My Dead Guard Dog
2025/12/11
At the front of my website stands a file,
robots.txt, and you'll find one in the root directory of most
websites. Its job is to tell bots (automated scripts and
browsers) where they can and can't go within the
website, and it's as useless as a dead guard dog.
It's very much like the Do Not Track (DNT) header: it's a law with no enforcement — a worthless gesture that will only be adhered to by voluntarily honorable and trustworthy parties, exactly the type of people who wouldn't want to track you in the first place. In fact, there's nothing stopping a morally bankrupt organization from deciding to track you more scrutinously when you enable DNT headers, perhaps under the premise that they think you have something to hide. I deeply appreciate an unobtrusive notification when I first enter a website saying my DNT header will be honored; I feel more comfortable sticking around.

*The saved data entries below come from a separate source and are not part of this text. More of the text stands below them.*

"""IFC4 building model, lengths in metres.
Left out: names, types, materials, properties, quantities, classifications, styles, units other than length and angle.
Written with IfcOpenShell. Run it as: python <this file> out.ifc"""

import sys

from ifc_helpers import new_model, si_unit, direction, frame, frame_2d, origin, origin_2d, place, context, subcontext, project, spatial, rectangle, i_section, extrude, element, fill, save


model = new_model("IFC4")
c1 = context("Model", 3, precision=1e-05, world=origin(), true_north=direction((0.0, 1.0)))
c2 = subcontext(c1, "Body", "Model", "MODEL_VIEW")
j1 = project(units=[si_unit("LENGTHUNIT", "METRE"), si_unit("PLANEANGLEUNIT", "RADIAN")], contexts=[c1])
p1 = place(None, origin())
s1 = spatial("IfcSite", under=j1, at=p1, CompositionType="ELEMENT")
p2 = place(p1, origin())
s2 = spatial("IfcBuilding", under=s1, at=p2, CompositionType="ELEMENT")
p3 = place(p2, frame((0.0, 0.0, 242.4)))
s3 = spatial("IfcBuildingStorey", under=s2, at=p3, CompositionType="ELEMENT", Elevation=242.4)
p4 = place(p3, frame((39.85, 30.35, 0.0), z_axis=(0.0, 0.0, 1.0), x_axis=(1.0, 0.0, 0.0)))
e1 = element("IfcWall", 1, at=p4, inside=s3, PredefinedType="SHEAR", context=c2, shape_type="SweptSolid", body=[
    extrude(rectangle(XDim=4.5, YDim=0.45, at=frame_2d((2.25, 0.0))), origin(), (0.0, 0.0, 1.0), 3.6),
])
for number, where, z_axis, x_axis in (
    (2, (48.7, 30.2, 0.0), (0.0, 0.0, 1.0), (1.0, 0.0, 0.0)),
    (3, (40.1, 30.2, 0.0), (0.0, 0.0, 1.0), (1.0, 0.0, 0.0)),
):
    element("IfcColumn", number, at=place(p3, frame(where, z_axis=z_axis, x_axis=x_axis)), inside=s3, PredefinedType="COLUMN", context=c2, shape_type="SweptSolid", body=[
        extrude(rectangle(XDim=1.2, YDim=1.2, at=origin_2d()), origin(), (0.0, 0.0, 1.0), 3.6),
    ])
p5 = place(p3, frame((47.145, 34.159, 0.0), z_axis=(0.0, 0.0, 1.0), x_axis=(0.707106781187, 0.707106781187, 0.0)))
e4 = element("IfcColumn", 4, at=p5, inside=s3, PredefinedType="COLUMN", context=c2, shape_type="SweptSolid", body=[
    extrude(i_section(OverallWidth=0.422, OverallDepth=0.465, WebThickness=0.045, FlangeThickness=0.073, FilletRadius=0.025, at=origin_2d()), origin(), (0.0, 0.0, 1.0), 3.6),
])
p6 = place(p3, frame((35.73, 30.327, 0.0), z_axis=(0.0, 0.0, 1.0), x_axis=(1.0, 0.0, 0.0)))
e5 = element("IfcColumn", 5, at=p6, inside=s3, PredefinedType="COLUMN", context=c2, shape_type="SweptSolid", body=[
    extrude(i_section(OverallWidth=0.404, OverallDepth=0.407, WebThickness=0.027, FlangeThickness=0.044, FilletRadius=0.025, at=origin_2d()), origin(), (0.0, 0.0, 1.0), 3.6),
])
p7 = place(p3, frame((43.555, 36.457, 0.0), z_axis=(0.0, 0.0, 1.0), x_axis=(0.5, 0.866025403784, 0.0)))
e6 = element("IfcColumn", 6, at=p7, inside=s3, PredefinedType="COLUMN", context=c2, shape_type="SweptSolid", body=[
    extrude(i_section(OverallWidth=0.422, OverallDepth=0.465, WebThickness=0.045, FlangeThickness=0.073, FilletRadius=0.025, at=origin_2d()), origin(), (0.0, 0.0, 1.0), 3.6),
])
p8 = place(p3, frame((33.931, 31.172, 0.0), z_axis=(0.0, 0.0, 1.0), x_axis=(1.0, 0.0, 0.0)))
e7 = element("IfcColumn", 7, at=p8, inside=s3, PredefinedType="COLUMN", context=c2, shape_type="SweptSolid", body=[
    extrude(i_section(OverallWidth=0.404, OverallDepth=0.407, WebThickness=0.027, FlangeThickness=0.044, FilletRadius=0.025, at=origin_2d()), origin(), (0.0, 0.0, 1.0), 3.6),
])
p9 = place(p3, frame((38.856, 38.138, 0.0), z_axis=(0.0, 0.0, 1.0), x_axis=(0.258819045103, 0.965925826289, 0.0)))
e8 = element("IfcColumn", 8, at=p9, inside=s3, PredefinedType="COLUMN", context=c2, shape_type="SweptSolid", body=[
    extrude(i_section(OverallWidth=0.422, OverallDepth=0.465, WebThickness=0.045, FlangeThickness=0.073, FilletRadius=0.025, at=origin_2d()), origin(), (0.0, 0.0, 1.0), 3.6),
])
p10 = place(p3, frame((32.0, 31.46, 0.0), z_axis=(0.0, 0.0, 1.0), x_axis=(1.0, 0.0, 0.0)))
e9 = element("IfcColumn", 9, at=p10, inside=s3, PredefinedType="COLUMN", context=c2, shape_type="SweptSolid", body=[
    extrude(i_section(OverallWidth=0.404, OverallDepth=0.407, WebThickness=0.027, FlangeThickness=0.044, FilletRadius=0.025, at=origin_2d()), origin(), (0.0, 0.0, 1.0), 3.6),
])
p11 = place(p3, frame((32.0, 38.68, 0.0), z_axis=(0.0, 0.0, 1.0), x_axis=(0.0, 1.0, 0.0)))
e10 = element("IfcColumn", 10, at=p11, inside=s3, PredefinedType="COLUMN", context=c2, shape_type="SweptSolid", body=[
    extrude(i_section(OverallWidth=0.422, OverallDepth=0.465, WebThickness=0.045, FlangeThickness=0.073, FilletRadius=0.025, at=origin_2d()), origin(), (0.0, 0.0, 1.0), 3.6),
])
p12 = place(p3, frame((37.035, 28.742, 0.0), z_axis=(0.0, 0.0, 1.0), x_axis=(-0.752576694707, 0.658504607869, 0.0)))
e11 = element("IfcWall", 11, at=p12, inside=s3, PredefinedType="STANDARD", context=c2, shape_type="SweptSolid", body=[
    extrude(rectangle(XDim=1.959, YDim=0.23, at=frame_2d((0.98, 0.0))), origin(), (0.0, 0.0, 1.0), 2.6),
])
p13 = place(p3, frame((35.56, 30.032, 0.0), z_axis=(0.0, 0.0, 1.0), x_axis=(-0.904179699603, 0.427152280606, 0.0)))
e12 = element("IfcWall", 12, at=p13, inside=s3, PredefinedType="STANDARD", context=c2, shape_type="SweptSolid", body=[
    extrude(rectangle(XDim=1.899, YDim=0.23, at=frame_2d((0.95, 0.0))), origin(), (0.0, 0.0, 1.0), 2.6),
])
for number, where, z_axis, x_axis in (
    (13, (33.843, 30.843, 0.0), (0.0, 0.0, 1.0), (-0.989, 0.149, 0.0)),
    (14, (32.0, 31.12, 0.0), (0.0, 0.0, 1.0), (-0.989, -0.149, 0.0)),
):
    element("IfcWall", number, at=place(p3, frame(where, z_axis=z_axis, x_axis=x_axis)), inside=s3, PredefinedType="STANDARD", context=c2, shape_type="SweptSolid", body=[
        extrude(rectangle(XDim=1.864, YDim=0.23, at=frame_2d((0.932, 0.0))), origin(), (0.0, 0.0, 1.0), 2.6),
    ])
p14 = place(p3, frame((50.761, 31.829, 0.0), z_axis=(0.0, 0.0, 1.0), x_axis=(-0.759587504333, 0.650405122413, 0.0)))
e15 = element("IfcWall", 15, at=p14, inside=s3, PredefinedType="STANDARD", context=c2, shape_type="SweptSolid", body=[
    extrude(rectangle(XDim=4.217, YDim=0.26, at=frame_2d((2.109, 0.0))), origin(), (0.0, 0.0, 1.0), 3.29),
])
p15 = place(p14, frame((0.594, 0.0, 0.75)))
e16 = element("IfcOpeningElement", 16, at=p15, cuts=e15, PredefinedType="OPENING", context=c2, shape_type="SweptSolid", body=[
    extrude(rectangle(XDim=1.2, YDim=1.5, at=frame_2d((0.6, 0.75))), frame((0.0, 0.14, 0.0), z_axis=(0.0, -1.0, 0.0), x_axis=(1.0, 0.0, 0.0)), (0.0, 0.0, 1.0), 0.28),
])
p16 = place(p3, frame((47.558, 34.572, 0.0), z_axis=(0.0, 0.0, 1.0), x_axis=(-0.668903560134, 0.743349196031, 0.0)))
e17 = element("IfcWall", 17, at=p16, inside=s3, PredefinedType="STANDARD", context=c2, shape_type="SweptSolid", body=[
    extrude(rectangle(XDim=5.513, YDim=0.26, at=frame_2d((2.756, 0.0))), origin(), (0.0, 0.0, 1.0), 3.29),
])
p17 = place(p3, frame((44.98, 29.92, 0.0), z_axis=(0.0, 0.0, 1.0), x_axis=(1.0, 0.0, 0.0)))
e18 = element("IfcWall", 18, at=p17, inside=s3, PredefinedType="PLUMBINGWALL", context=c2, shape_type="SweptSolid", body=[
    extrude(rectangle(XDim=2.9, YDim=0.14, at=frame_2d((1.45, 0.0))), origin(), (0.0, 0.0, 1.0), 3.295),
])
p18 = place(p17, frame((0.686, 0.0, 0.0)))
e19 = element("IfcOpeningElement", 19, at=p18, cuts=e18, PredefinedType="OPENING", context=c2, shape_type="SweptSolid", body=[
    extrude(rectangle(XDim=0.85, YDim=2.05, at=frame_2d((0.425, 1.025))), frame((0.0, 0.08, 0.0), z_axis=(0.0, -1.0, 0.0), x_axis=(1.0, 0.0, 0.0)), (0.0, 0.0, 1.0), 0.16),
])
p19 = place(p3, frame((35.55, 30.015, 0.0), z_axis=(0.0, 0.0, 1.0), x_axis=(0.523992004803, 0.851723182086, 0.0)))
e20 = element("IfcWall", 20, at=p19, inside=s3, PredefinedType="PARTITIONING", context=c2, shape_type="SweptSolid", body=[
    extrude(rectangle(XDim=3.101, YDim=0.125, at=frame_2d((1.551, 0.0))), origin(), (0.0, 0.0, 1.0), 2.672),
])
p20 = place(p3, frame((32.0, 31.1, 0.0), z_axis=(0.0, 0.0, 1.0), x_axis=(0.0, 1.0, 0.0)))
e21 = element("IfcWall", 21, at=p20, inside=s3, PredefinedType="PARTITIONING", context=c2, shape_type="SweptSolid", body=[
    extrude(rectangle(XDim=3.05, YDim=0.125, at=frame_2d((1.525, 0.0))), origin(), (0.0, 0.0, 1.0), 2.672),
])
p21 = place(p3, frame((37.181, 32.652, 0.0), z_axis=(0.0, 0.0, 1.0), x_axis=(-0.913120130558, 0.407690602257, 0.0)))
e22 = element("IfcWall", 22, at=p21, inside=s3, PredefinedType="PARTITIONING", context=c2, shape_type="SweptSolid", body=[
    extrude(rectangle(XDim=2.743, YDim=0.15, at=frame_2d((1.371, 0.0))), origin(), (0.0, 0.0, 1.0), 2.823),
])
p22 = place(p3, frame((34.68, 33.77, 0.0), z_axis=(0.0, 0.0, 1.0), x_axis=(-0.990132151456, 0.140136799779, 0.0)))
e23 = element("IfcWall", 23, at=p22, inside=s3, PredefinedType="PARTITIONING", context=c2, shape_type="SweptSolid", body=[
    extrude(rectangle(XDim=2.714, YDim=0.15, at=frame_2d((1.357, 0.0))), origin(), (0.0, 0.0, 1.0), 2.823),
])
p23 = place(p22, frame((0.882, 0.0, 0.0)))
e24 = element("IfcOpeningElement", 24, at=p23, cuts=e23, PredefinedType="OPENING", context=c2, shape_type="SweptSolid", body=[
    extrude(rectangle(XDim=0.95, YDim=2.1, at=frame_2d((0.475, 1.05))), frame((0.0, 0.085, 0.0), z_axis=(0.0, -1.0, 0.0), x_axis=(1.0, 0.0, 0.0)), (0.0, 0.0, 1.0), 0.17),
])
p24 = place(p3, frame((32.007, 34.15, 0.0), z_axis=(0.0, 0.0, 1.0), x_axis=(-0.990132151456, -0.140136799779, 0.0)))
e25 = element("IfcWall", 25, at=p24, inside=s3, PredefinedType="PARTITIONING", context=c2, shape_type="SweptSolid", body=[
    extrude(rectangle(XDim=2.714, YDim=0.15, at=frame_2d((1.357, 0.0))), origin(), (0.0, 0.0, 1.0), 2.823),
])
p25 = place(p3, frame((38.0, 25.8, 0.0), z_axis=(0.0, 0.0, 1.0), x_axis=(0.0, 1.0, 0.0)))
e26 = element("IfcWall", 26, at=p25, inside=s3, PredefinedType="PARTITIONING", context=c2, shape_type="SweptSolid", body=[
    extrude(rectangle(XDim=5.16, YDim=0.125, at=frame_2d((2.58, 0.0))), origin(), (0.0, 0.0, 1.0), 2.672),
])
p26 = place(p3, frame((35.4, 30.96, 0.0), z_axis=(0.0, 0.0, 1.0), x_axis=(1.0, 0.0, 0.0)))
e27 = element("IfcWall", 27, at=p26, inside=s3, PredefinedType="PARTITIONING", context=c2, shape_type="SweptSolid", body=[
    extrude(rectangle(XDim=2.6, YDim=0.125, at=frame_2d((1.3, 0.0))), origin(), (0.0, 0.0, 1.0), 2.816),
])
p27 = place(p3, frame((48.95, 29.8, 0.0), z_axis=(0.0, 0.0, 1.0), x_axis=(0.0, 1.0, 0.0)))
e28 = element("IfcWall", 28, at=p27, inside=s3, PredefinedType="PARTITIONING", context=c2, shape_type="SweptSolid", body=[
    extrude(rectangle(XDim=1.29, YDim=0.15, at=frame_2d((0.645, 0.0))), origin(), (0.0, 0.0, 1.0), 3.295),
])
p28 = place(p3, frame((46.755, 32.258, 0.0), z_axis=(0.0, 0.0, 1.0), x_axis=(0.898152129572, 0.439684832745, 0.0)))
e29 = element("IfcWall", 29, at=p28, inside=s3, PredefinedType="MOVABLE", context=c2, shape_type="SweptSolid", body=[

My robots.txt just has one instruction, and
it's identical to the one
reddit swapped to in 2024. It tells bots to fuck off from the entire site.
The reason reddit does it is obvious: it allowed them to take all of the data contributed by redditors over decades and auction it off to different AI firms, data brokers, and search engines under private (profitable) agreements. Instantaneously disabling dozens of third-party reddit reading apps, upon which some independent developers had built their livelihoods, was a welcome side effect, as all of the value they added to the reddit experience over the years, in good faith, was clawed back to shareholders who could now negotiate how to sell our intellectual property.
The reason I do it is out of an indiscernable mix of spite and principle. It doesn't work, and it elicits a benign but annoying side effect of receiving automated emails about my trash SEO and how I can pay someone to improve it.
I don't want code that I wrote, the product of years of expensive education and arduous trial and error, to be used to improve the quality of software that is openly threatening my job security.
I don't have a solution here. Anyone who hosts a website will understand the plight: even if your dead guard dog adamantly declares the entire house off-limits, the most dishonorable, unwanted scrapers you cared most about deterring will walk past unobstructed, scraping to their iron hearts' content and filling your forms with PHP debugging code.
This state of affairs leaves the deterrence of unwanted bots up to you. A modern website owner must understand and account for the inevitable fact that bots will crawl their site, and they'll likely pay for that traffic just the same as legitimate visits by humans. Techniques like Cloudflare's "AI Labyrinths" are intriguing, as are putting sneaky, invisible form inputs to trick a bot into ousting itself, but these are cat and mouse games. An author of a crawler can account for these tactics once enough is known about them, and then it's on to the next mitigation technique, ad infinitum.
At the time being, the onus is on the site owner to erect a fence of bot-bouncing safeguards, a hurdle that further impedes the pursuit of an open web.